Community Articles

kpalanisamy · ‎09-05-2023

High level Problem Explanation

The primary garbage collection challenge often arises when the heap configuration of the Namenode or Datanode is inadequate. GC pauses can trigger Namenode crash, failovers, and performance bottlenecks. In larger clusters, there is no response at the time of transitioning to an another Namenode.

Detailed Technical Explanation

The Namenode comprises three layers of management:

Inode Management
Block Management
Snapshot Management

All of these layers are stored in the Namenode in-memory heap, and any substantial modifications to them can lead to increased heap usage.

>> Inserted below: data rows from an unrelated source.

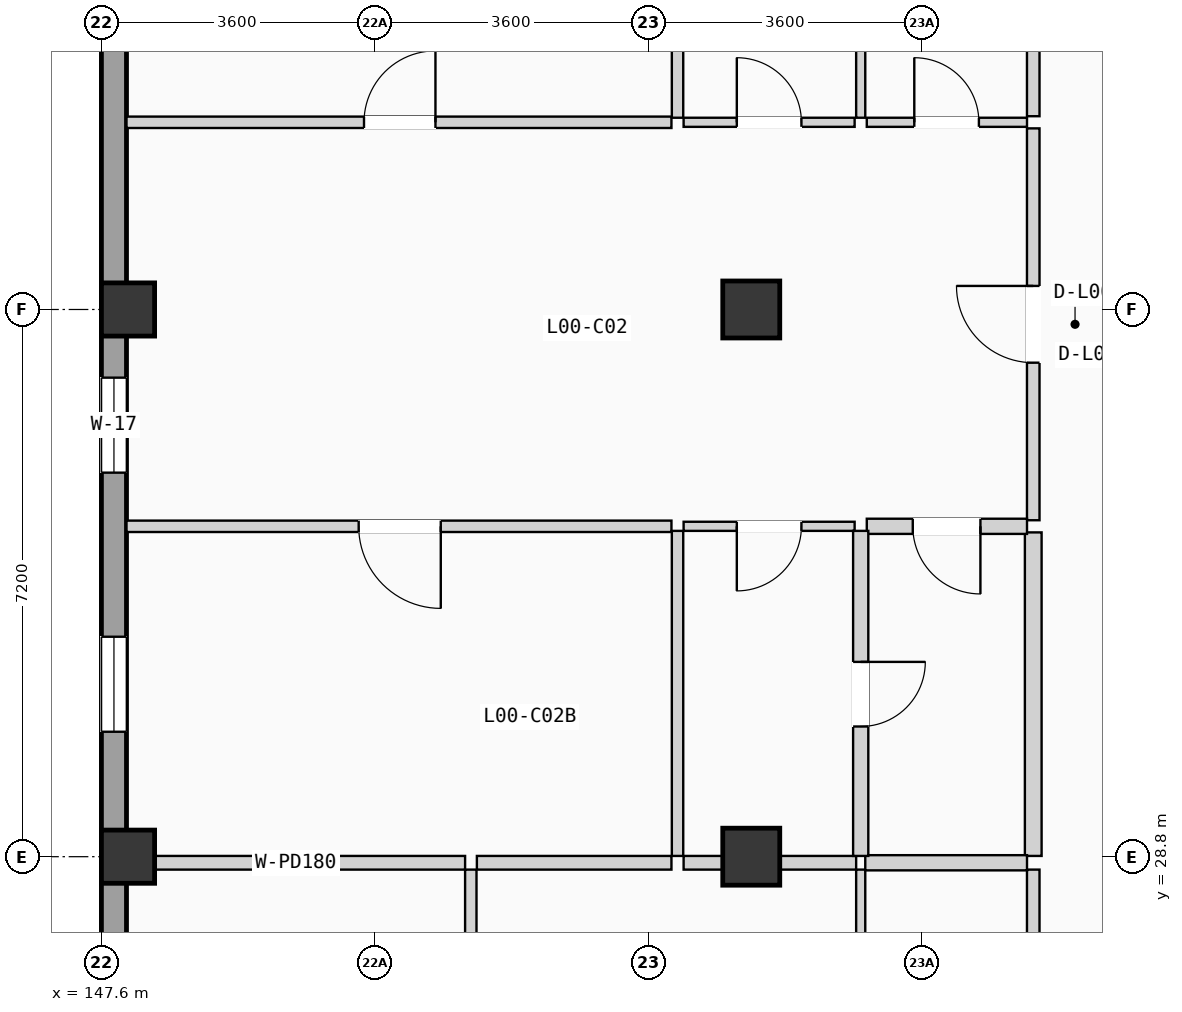
"""IFC4 building model, lengths in metres.
Left out: names, types, materials, properties, quantities, classifications, styles, units other than length and angle.
Written with IfcOpenShell. Run it as: python <this file> out.ifc"""

import sys

from ifc_helpers import new_model, si_unit, direction, frame, frame_2d, origin, origin_2d, place, context, subcontext, project, spatial, rectangle, extrude, element, fill, save


model = new_model("IFC4")
c1 = context("Model", 3, precision=1e-05, world=origin(), true_north=direction((0.0, 1.0)))
c2 = subcontext(c1, "Body", "Model", "MODEL_VIEW")
j1 = project(units=[si_unit("LENGTHUNIT", "METRE"), si_unit("PLANEANGLEUNIT", "RADIAN")], contexts=[c1])
p1 = place(None, origin())
s1 = spatial("IfcSite", under=j1, at=p1, CompositionType="ELEMENT")
p2 = place(p1, origin())
s2 = spatial("IfcBuilding", under=s1, at=p2, CompositionType="ELEMENT")
p3 = place(p2, origin())
s3 = spatial("IfcBuildingStorey", under=s2, at=p3, CompositionType="ELEMENT", Elevation=0.0)
for number, where, z_axis, x_axis in (
    (1, (147.95, 28.8, 0.0), (0.0, 0.0, 1.0), (1.0, 0.0, 0.0)),
    (2, (147.95, 36.0, 0.0), (0.0, 0.0, 1.0), (1.0, 0.0, 0.0)),
):
    element("IfcColumn", number, at=place(p3, frame(where, z_axis=z_axis, x_axis=x_axis)), inside=s3, PredefinedType="COLUMN", context=c2, shape_type="SweptSolid", body=[
        extrude(rectangle(XDim=0.7, YDim=0.7, at=origin_2d()), origin(), (0.0, 0.0, 1.0), 4.9),
    ])
for number, where, z_axis, x_axis in (
    (3, (156.15, 28.8, 0.0), (0.0, 0.0, 1.0), (1.0, 0.0, 0.0)),
    (4, (156.15, 36.0, 0.0), (0.0, 0.0, 1.0), (1.0, 0.0, 0.0)),
):
    element("IfcColumn", number, at=place(p3, frame(where, z_axis=z_axis, x_axis=x_axis)), inside=s3, PredefinedType="COLUMN", context=c2, shape_type="SweptSolid", body=[
        extrude(rectangle(XDim=0.75, YDim=0.75, at=origin_2d()), origin(), (0.0, 0.0, 1.0), 4.9),
    ])
p4 = place(p3, frame((147.765, 0.33, 0.0), z_axis=(0.0, 0.0, 1.0), x_axis=(0.0, 1.0, 0.0)))
e5 = element("IfcWall", 5, at=p4, inside=s3, PredefinedType="SOLIDWALL", context=c2, shape_type="SweptSolid", body=[
    extrude(rectangle(XDim=49.74, YDim=0.33, at=frame_2d((24.87, 0.0))), origin(), (0.0, 0.0, 1.0), 4.64),
])
p5 = place(p4, frame((17.095, 0.0, 0.9)))
e6 = element("IfcOpeningElement", 6, at=p5, cuts=e5, PredefinedType="OPENING", context=c2, shape_type="SweptSolid", body=[
    extrude(rectangle(XDim=1.15, YDim=1.65, at=frame_2d((0.575, 0.825))), frame((0.0, 0.175, 0.0), z_axis=(0.0, -1.0, 0.0), x_axis=(1.0, 0.0, 0.0)), (0.0, 0.0, 1.0), 0.35),
])
p6 = place(p4, frame((9.96, 0.0, 0.9)))
e7 = element("IfcOpeningElement", 7, at=p6, cuts=e5, PredefinedType="OPENING", context=c2, shape_type="SweptSolid", body=[
    extrude(rectangle(XDim=1.15, YDim=1.8, at=frame_2d((0.575, 0.9))), frame((0.0, 0.175, 0.0), z_axis=(0.0, -1.0, 0.0), x_axis=(1.0, 0.0, 0.0)), (0.0, 0.0, 1.0), 0.35),
])
p7 = place(p4, frame((24.245, 0.0, 0.9)))
e8 = element("IfcOpeningElement", 8, at=p7, cuts=e5, PredefinedType="OPENING", context=c2, shape_type="SweptSolid", body=[
    extrude(rectangle(XDim=1.25, YDim=1.2, at=frame_2d((0.625, 0.6))), frame((0.0, 0.175, 0.0), z_axis=(0.0, -1.0, 0.0), x_axis=(1.0, 0.0, 0.0)), (0.0, 0.0, 1.0), 0.35),
])
p8 = place(p4, frame((33.523, 0.0, 0.9)))
e9 = element("IfcOpeningElement", 9, at=p8, cuts=e5, PredefinedType="OPENING", context=c2, shape_type="SweptSolid", body=[
    extrude(rectangle(XDim=1.25, YDim=1.35, at=frame_2d((0.625, 0.675))), frame((0.0, 0.175, 0.0), z_axis=(0.0, -1.0, 0.0), x_axis=(1.0, 0.0, 0.0)), (0.0, 0.0, 1.0), 0.35),
])
p9 = place(p4, frame((30.114, 0.0, 0.9)))
e10 = element("IfcOpeningElement", 10, at=p9, cuts=e5, PredefinedType="OPENING", context=c2, shape_type="SweptSolid", body=[
    extrude(rectangle(XDim=1.25, YDim=1.5, at=frame_2d((0.625, 0.75))), frame((0.0, 0.175, 0.0), z_axis=(0.0, -1.0, 0.0), x_axis=(1.0, 0.0, 0.0)), (0.0, 0.0, 1.0), 0.35),
])
p10 = place(p4, frame((39.716, 0.0, 0.9)))
e11 = element("IfcOpeningElement", 11, at=p10, cuts=e5, PredefinedType="OPENING", context=c2, shape_type="SweptSolid", body=[
    extrude(rectangle(XDim=1.25, YDim=1.65, at=frame_2d((0.625, 0.825))), frame((0.0, 0.175, 0.0), z_axis=(0.0, -1.0, 0.0), x_axis=(1.0, 0.0, 0.0)), (0.0, 0.0, 1.0), 0.35),
])
p11 = place(p3, frame((159.86, 20.73, 0.0), z_axis=(0.0, 0.0, 1.0), x_axis=(0.0, 1.0, 0.0)))
e12 = element("IfcWall", 12, at=p11, inside=s3, PredefinedType="PARTITIONING", context=c2, shape_type="SweptSolid", body=[
    extrude(rectangle(XDim=7.9, YDim=0.165, at=frame_2d((3.95, 0.0))), origin(), (0.0, 0.0, 1.0), 3.84),
])
p12 = place(p3, frame((159.86, 33.227, 0.0), z_axis=(0.0, 0.0, 1.0), x_axis=(0.0, 1.0, 0.0)))
e13 = element("IfcWall", 13, at=p12, inside=s3, PredefinedType="PARTITIONING", context=c2, shape_type="SweptSolid", body=[
    extrude(rectangle(XDim=5.156, YDim=0.165, at=frame_2d((2.578, 0.0))), origin(), (0.0, 0.0, 1.0), 3.84),
])
p13 = place(p12, frame((2.073, 0.0, 0.0)))
e14 = element("IfcOpeningElement", 14, at=p13, cuts=e13, PredefinedType="OPENING", context=c2, shape_type="SweptSolid", body=[
    extrude(rectangle(XDim=1.01, YDim=2.11, at=frame_2d((0.505, 1.055))), frame((0.0, 0.093, 0.0), z_axis=(0.0, -1.0, 0.0), x_axis=(1.0, 0.0, 0.0)), (0.0, 0.0, 1.0), 0.185),
])
p14 = place(p3, frame((159.86, 28.81, 0.0), z_axis=(0.0, 0.0, 1.0), x_axis=(0.0, 1.0, 0.0)))
e15 = element("IfcWall", 15, at=p14, inside=s3, PredefinedType="PLUMBINGWALL", context=c2, shape_type="SweptSolid", body=[
    extrude(rectangle(XDim=4.257, YDim=0.22, at=frame_2d((2.128, 0.0))), origin(), (0.0, 0.0, 1.0), 3.84),
])
p15 = place(p3, frame((159.86, 38.543, 0.0), z_axis=(0.0, 0.0, 1.0), x_axis=(0.0, 1.0, 0.0)))
e16 = element("IfcWall", 16, at=p15, inside=s3, PredefinedType="PARTITIONING", context=c2, shape_type="SweptSolid", body=[
    extrude(rectangle(XDim=4.257, YDim=0.165, at=frame_2d((2.128, 0.0))), origin(), (0.0, 0.0, 1.0), 3.84),
])
p16 = place(p3, frame((157.59, 20.71, 0.0), z_axis=(0.0, 0.0, 1.0), x_axis=(0.0, 1.0, 0.0)))
e17 = element("IfcWall", 17, at=p16, inside=s3, PredefinedType="PARTITIONING", context=c2, shape_type="SweptSolid", body=[
    extrude(rectangle(XDim=7.92, YDim=0.12, at=frame_2d((3.96, 0.0))), origin(), (0.0, 0.0, 1.0), 3.84),
])
p17 = place(p3, frame((157.65, 28.72, 0.0), z_axis=(0.0, 0.0, 1.0), x_axis=(1.0, 0.0, 0.0)))
e18 = element("IfcWall", 18, at=p17, inside=s3, PredefinedType="PLUMBINGWALL", context=c2, shape_type="SweptSolid", body=[
    extrude(rectangle(XDim=2.128, YDim=0.2, at=frame_2d((1.064, 0.0))), origin(), (0.0, 0.0, 1.0), 3.84),
])
p18 = place(p3, frame((152.46, 20.725, 0.0), z_axis=(0.0, 0.0, 1.0), x_axis=(0.0, 1.0, 0.0)))
e19 = element("IfcWall", 19, at=p18, inside=s3, PredefinedType="PARTITIONING", context=c2, shape_type="SweptSolid", body=[
    extrude(rectangle(XDim=7.905, YDim=0.15, at=frame_2d((3.952, 0.0))), origin(), (0.0, 0.0, 1.0), 3.84),
])
p19 = place(p3, frame((147.93, 28.72, 0.0), z_axis=(0.0, 0.0, 1.0), x_axis=(1.0, 0.0, 0.0)))
e20 = element("IfcWall", 20, at=p19, inside=s3, PredefinedType="PARTITIONING", context=c2, shape_type="SweptSolid", body=[
    extrude(rectangle(XDim=4.455, YDim=0.18, at=frame_2d((2.228, 0.0))), origin(), (0.0, 0.0, 1.0), 3.84),
])
p20 = place(p3, frame((152.54, 28.72, 0.0), z_axis=(0.0, 0.0, 1.0), x_axis=(1.0, 0.0, 0.0)))
e21 = element("IfcWall", 21, at=p20, inside=s3, PredefinedType="PARTITIONING", context=c2, shape_type="SweptSolid", body=[
    extrude(rectangle(XDim=2.56, YDim=0.18, at=frame_2d((1.28, 0.0))), origin(), (0.0, 0.0, 1.0), 3.84),
])
p21 = place(p3, frame((155.26, 28.72, 0.0), z_axis=(0.0, 0.0, 1.0), x_axis=(1.0, 0.0, 0.0)))
e22 = element("IfcWall", 22, at=p21, inside=s3, PredefinedType="PARTITIONING", context=c2, shape_type="SweptSolid", body=[
    extrude(rectangle(XDim=2.27, YDim=0.18, at=frame_2d((1.135, 0.0))), origin(), (0.0, 0.0, 1.0), 3.84),
])
p22 = place(p3, frame((157.67, 33.147, 0.0), z_axis=(0.0, 0.0, 1.0), x_axis=(1.0, 0.0, 0.0)))
e23 = element("IfcWall", 23, at=p22, inside=s3, PredefinedType="PLUMBINGWALL", context=c2, shape_type="SweptSolid", body=[
    extrude(rectangle(XDim=2.108, YDim=0.2, at=frame_2d((1.054, 0.0))), origin(), (0.0, 0.0, 1.0), 3.84),
])
p23 = place(p22, frame((0.605, 0.0, 0.0)))
e24 = element("IfcOpeningElement", 24, at=p23, cuts=e23, PredefinedType="OPENING", context=c2, shape_type="SweptSolid", body=[
    extrude(rectangle(XDim=0.89, YDim=2.03, at=frame_2d((0.445, 1.015))), frame((0.0, 0.11, 0.0), z_axis=(0.0, -1.0, 0.0), x_axis=(1.0, 0.0, 0.0)), (0.0, 0.0, 1.0), 0.22),
])
p24 = place(p3, frame((157.67, 38.463, 0.0), z_axis=(0.0, 0.0, 1.0), x_axis=(1.0, 0.0, 0.0)))
e25 = element("IfcWall", 25, at=p24, inside=s3, PredefinedType="PARTITIONING", context=c2, shape_type="SweptSolid", body=[
    extrude(rectangle(XDim=2.108, YDim=0.12, at=frame_2d((1.054, 0.0))), origin(), (0.0, 0.0, 1.0), 3.84),
])
p25 = place(p24, frame((0.625, 0.0, 0.0)))
e26 = element("IfcOpeningElement", 26, at=p25, cuts=e25, PredefinedType="OPENING", context=c2, shape_type="SweptSolid", body=[
    extrude(rectangle(XDim=0.85, YDim=2.01, at=frame_2d((0.425, 1.005))), frame((0.0, 0.07, 0.0), z_axis=(0.0, -1.0, 0.0), x_axis=(1.0, 0.0, 0.0)), (0.0, 0.0, 1.0), 0.14),
])
p26 = place(p3, frame((147.93, 33.147, 0.0), z_axis=(0.0, 0.0, 1.0), x_axis=(1.0, 0.0, 0.0)))
e27 = element("IfcWall", 27, at=p26, inside=s3, PredefinedType="PARTITIONING", context=c2, shape_type="SweptSolid", body=[
    extrude(rectangle(XDim=7.17, YDim=0.15, at=frame_2d((3.585, 0.0))), origin(), (0.0, 0.0, 1.0), 3.84),
])
p27 = place(p26, frame((3.055, 0.0, 0.0)))
e28 = element("IfcOpeningElement", 28, at=p27, cuts=e27, PredefinedType="OPENING", context=c2, shape_type="SweptSolid", body=[
    extrude(rectangle(XDim=1.08, YDim=2.1, at=frame_2d((0.54, 1.05))), frame((0.0, 0.085, 0.0), z_axis=(0.0, -1.0, 0.0), x_axis=(1.0, 0.0, 0.0)), (0.0, 0.0, 1.0), 0.17),
])
p28 = place(p3, frame((155.26, 33.147, 0.0), z_axis=(0.0, 0.0, 1.0), x_axis=(1.0, 0.0, 0.0)))
e29 = element("IfcWall", 29, at=p28, inside=s3, PredefinedType="PARTITIONING", context=c2, shape_type="SweptSolid", body=[
    extrude(rectangle(XDim=2.25, YDim=0.12, at=frame_2d((1.125, 0.0))), origin(), (0.0, 0.0, 1.0), 3.84),
])
p29 = place(p28, frame((0.7, 0.0, 0.0)))
e30 = element("IfcOpeningElement", 30, at=p29, cuts=e29, PredefinedType="OPENING", context=c2, shape_type="SweptSolid", body=[
    extrude(rectangle(XDim=0.85, YDim=2.01, at=frame_2d((0.425, 1.005))), frame((0.0, 0.07, 0.0), z_axis=(0.0, -1.0, 0.0), x_axis=(1.0, 0.0, 0.0)), (0.0, 0.0, 1.0), 0.14),
])
p30 = place(p3, frame((147.93, 38.463, 0.0), z_axis=(0.0, 0.0, 1.0), x_axis=(1.0, 0.0, 0.0)))
e31 = element("IfcWall", 31, at=p30, inside=s3, PredefinedType="PARTITIONING", context=c2, shape_type="SweptSolid", body=[
    extrude(rectangle(XDim=7.17, YDim=0.15, at=frame_2d((3.585, 0.0))), origin(), (0.0, 0.0, 1.0), 3.84),
])
p31 = place(p30, frame((3.125, 0.0, 0.0)))
e32 = element("IfcOpeningElement", 32, at=p31, cuts=e31, PredefinedType="OPENING", context=c2, shape_type="SweptSolid", body=[
    extrude(rectangle(XDim=0.94, YDim=2.06, at=frame_2d((0.47, 1.03))), frame((0.0, 0.085, 0.0), z_axis=(0.0, -1.0, 0.0), x_axis=(1.0, 0.0, 0.0)), (0.0, 0.0, 1.0), 0.17),
])
p32 = place(p3, frame((155.26, 38.463, 0.0), z_axis=(0.0, 0.0, 1.0), x_axis=(1.0, 0.0, 0.0)))
e33 = element("IfcWall", 33, at=p32, inside=s3, PredefinedType="PARTITIONING", context=c2, shape_type="SweptSolid", body=[
    extrude(rectangle(XDim=2.25, YDim=0.12, at=frame_2d((1.125, 0.0))), origin(), (0.0, 0.0, 1.0), 3.84),
])
p33 = place(p32, frame((0.7, 0.0, 0.0)))
e34 = element("IfcOpeningElement", 34, at=p33, cuts=e33, PredefinedType="OPENING", context=c2, shape_type="SweptSolid", body=[
    extrude(rectangle(XDim=0.85, YDim=2.01, at=frame_2d((0.425, 1.005))), frame((0.0, 0.07, 0.0), z_axis=(0.0, -1.0, 0.0), x_axis=(1.0, 0.0, 0.0)), (0.0, 0.0, 1.0), 0.14),
])
p34 = place(p3, frame((157.59, 28.81, 0.0), z_axis=(0.0, 0.0, 1.0), x_axis=(0.0, 1.0, 0.0)))
e35 = element("IfcWall", 35, at=p34, inside=s3, PredefinedType="PLUMBINGWALL", context=c2, shape_type="SweptSolid", body=[
    extrude(rectangle(XDim=4.277, YDim=0.2, at=frame_2d((2.138, 0.0))), origin(), (0.0, 0.0, 1.0), 3.84),
])
p35 = place(p34, frame((1.703, 0.0, 0.0)))
e36 = element("IfcOpeningElement", 36, at=p35, cuts=e35, PredefinedType="OPENING", context=c2, shape_type="SweptSolid", body=[
    extrude(rectangle(XDim=0.85, YDim=2.01, at=frame_2d((0.425, 1.005))), frame((0.0, 0.11, 0.0), z_axis=(0.0, -1.0, 0.0), x_axis=(1.0, 0.0, 0.0)), (0.0, 0.0, 1.0), 0.22),
])
p36 = place(p3, frame((157.59, 38.523, 0.0), z_axis=(0.0, 0.0, 1.0), x_axis=(0.0, 1.0, 0.0)))
e37 = element("IfcWall", 37, at=p36, inside=s3, PredefinedType="PARTITIONING", context=c2, shape_type="SweptSolid", body=[
    extrude(rectangle(XDim=4.277, YDim=0.12, at=frame_2d((2.139, 0.0))), origin(), (0.0, 0.0, 1.0), 3.84),
])
p37 = place(p3, frame((155.18, 28.81, 0.0), z_axis=(0.0, 0.0, 1.0), x_axis=(0.0, 1.0, 0.0)))
e38 = element("IfcWall", 38, at=p37, inside=s3, PredefinedType="PARTITIONING", context=c2, shape_type="SweptSolid", body=[
    extrude(rectangle(XDim=4.277, YDim=0.15, at=frame_2d((2.138, 0.0))), origin(), (0.0, 0.0, 1.0), 3.84),
])
p38 = place(p3, frame((155.18, 38.523, 0.0), z_axis=(0.0, 0.0, 1.0), x_axis=(0.0, 1.0, 0.0)))
e39 = element("IfcWall", 39, at=p38, inside=s3, PredefinedType="PARTITIONING", context=c2, shape_type="SweptSolid", body=[
    extrude(rectangle(XDim=4.277, YDim=0.15, at=frame_2d((2.139, 0.0))), origin(), (0.0, 0.0, 1.0), 3.84),
])
p39 = place(p8, origin())
e40 = element("IfcWindow", 40, at=p39, inside=s3, PartitioningType="SINGLE_PANEL", PredefinedType="WINDOW", context=c2, shape_type="SweptSolid", body=[
    extrude(rectangle(XDim=1.25, YDim=1.35, at=frame_2d((0.625, 0.675))), frame((0.0, 0.03, 0.0), z_axis=(0.0, -1.0, 0.0), x_axis=(1.0, 0.0, 0.0)), (0.0, 0.0, 1.0), 0.06),
])
fill(e9, e40)
p40 = place(p9, origin())
e41 = element("IfcWindow", 41, at=p40, inside=s3, PartitioningType="SINGLE_PANEL", PredefinedType="WINDOW", context=c2, shape_type="SweptSolid", body=[
    extrude(rectangle(XDim=1.25, YDim=1.5, at=frame_2d((0.625, 0.75))), frame((0.0, 0.03, 0.0), z_axis=(0.0, -1.0, 0.0), x_axis=(1.0, 0.0, 0.0)), (0.0, 0.0, 1.0), 0.06),
])
fill(e10, e41)
p41 = place(p13, origin())
e42 = element("IfcDoor", 42, at=p41, inside=s3, OperationType="SINGLE_SWING_RIGHT", PredefinedType="DOOR", context=c2, shape_type="SweptSolid", body=[
    extrude(rectangle(XDim=1.01, YDim=2.11, at=frame_2d((0.505, 1.055))), frame((0.0, 0.025, 0.0), z_axis=(0.0, -1.0, 0.0), x_axis=(1.0, 0.0, 0.0)), (0.0, 0.0, 1.0), 0.05),
])
fill(e14, e42)
p42 = place(p23, frame((0.89, 0.0, 0.0), z_axis=(0.0, 0.0, 1.0), x_axis=(-1.0, 0.0, 0.0)))
e43 = element("IfcDoor", 43, at=p42, inside=s3, OperationType="SINGLE_SWING_RIGHT", PredefinedType="DOOR", context=c2, shape_type="SweptSolid", body=[
    extrude(rectangle(XDim=0.89, YDim=2.03, at=frame_2d((0.445, 1.015))), frame((0.0, 0.025, 0.0), z_axis=(0.0, -1.0, 0.0), x_axis=(1.0, 0.0, 0.0)), (0.0, 0.0, 1.0), 0.05),
])
fill(e24, e43)
p43 = place(p25, origin())
e44 = element("IfcDoor", 44, at=p43, inside=s3, OperationType="SINGLE_SWING_LEFT", PredefinedType="DOOR", context=c2, shape_type="SweptSolid", body=[
    extrude(rectangle(XDim=0.85, YDim=2.01, at=frame_2d((0.425, 1.005))), frame((0.0, 0.025, 0.0), z_axis=(0.0, -1.0, 0.0), x_axis=(1.0, 0.0, 0.0)), (0.0, 0.0, 1.0), 0.05),
])
fill(e26, e44)
p44 = place(p27, frame((1.08, 0.0, 0.0), z_axis=(0.0, 0.0, 1.0), x_axis=(-1.0, 0.0, 0.0)))
e45 = element("IfcDoor", 45, at=p44, inside=s3, OperationType="SINGLE_SWING_RIGHT", PredefinedType="DOOR", context=c2, shape_type="SweptSolid", body=[
    extrude(rectangle(XDim=1.08, YDim=2.1, at=frame_2d((0.54, 1.05))), frame((0.0, 0.025, 0.0), z_axis=(0.0, -1.0, 0.0), x_axis=(1.0, 0.0, 0.0)), (0.0, 0.0, 1.0), 0.05),
])
fill(e28, e45)
p45 = place(p29, frame((0.85, 0.0, 0.0), z_axis=(0.0, 0.0, 1.0), x_axis=(-1.0, 0.0, 0.0)))
e46 = element("IfcDoor", 46, at=p45, inside=s3, OperationType="SINGLE_SWING_LEFT", PredefinedType="DOOR", context=c2, shape_type="SweptSolid", body=[
    extrude(rectangle(XDim=0.85, YDim=2.01, at=frame_2d((0.425, 1.005))), frame((0.0, 0.025, 0.0), z_axis=(0.0, -1.0, 0.0), x_axis=(1.0, 0.0, 0.0)), (0.0, 0.0, 1.0), 0.05),
])
fill(e30, e46)
p46 = place(p31, origin())
e47 = element("IfcDoor", 47, at=p46, inside=s3, OperationType="SINGLE_SWING_RIGHT", PredefinedType="DOOR", context=c2, shape_type="SweptSolid", body=[
    extrude(rectangle(XDim=0.94, YDim=2.06, at=frame_2d((0.47, 1.03))), frame((0.0, 0.025, 0.0), z_axis=(0.0, -1.0, 0.0), x_axis=(1.0, 0.0, 0.0)), (0.0, 0.0, 1.0), 0.05),
])
fill(e32, e47)
p47 = place(p33, origin())
e48 = element("IfcDoor", 48, at=p47, inside=s3, OperationType="SINGLE_SWING_LEFT", PredefinedType="DOOR", context=c2, shape_type="SweptSolid", body=[
    extrude(rectangle(XDim=0.85, YDim=2.01, at=frame_2d((0.425, 1.005))), frame((0.0, 0.025, 0.0), z_axis=(0.0, -1.0, 0.0), x_axis=(1.0, 0.0, 0.0)), (0.0, 0.0, 1.0), 0.05),
])
fill(e34, e48)
p48 = place(p35, frame((0.85, 0.0, 0.0), z_axis=(0.0, 0.0, 1.0), x_axis=(-1.0, 0.0, 0.0)))
e49 = element("IfcDoor", 49, at=p48, inside=s3, OperationType="SINGLE_SWING_RIGHT", PredefinedType="DOOR", context=c2, shape_type="SweptSolid", body=[
    extrude(rectangle(XDim=0.85, YDim=2.01, at=frame_2d((0.425, 1.005))), frame((0.0, 0.025, 0.0), z_axis=(0.0, -1.0, 0.0), x_axis=(1.0, 0.0, 0.0)), (0.0, 0.0, 1.0), 0.05),
])
fill(e36, e49)
save(model, sys.argv[1])

Similarly, the Datanode also maintains block mapping information in its memory.

Example Of Inode Reference

<inode>
    <id>26890</id>
    <type>DIRECTORY</type>
    <name>training</name>
    <mtime>1660512737451</mtime>
    <permission>hdfs:supergroup:0755</permission>
    <nsquota>-1</nsquota><dsquota>-1</dsquota>
</inode>

<inode>
    <id>26893</id>
    <type>FILE</type>
    <name>file1</name>
    <replication>3</replication>
    <mtime>1660512801514</mtime>
    <atime>1660512797820</atime>
    <preferredBlockSize>134217728</preferredBlockSize>
    <permission>hdfs:supergroup:0644</permission>
    <storagePolicyId>0</storagePolicyId>
</inode>

Example Of Block Reference

<blocks>
<block><id>1073751671</id><genstamp>10862</genstamp><numBytes>134217728</numBytes></block>
<block><id>1073751672</id><genstamp>10863</genstamp><numBytes>134217728</numBytes></block>
<block><id>1073751673</id><genstamp>10864</genstamp><numBytes>134217728</numBytes></block>
<block><id>1073751674</id><genstamp>10865</genstamp><numBytes>134217728</numBytes></block>
<block><id>1073751675</id><genstamp>10866</genstamp><numBytes>134217728</numBytes></block>
<block><id>1073751676</id><genstamp>10867</genstamp><numBytes>134217728</numBytes></block>
<block><id>1073751677</id><genstamp>10868</genstamp><numBytes>116452794</numBytes></block>
</blocks>

Example Of Snapshot Reference

<SnapshotSection>
<snapshotCounter>1</snapshotCounter>
<numSnapshots>1</numSnapshots>
<snapshottableDir>
<dir>26890</dir>
</snapshottableDir>
<snapshot>
    <id>0</id>
    <root>
    <id>26890</id>
    <type>DIRECTORY</type>
    <name>snap1</name>
    <mtime>1660513260644</mtime>
    <permission>hdfs:supergroup:0755</permission>
    <nsquota>-1</nsquota>
    <dsquota>-1</dsquota>
    </root>
</snapshot>
</SnapshotSection>

High heap usage can be caused by several factors, including:

Inadequate heap size for the current dataset.
Lack of proper heap tuning configurations.
Failure to include "-XX:CMSInitiatingOccupancyFraction" with the default value set at 92.
Gradual growth in the number of inodes/files over time.
Sudden spikes in HDFS data volumes.
Sudden changes in HDFS snapshot activity.
Job executions generating millions of small files.
System slowness, including CPU or IO bottlenecks.

Symptoms

Namenode failure and Namenode transitions

Namenode logs showing JVM metrics, with any pause exceeding 10 seconds being a concern.

WARN [JvmPauseMonitor] util.JvmPauseMonitor: Detected pause in JVM or host machine (eg GC): pause of approximately 143694ms
GC pool 'ParNew' had collection(s): count=1 time=0ms
GC pool 'ConcurrentMarkSweep' had collection(s): count=2 time=143973ms

Occasionally, GC pauses are induced by system overhead factors, such as CPU spikes, IO contention, slow disk performance, or kernel delays. Look for the phrase "No GCs detected" in the Namenode log.
WARN [JvmPauseMonitor] util.JvmPauseMonitor: Detected pause in JVM or host machine (eg GC): pause of approximately 83241ms
No GCs detected

Do not misinterpret the FSNamesystem lock message; the root cause of the issue is actually GC overhead the pause before this event.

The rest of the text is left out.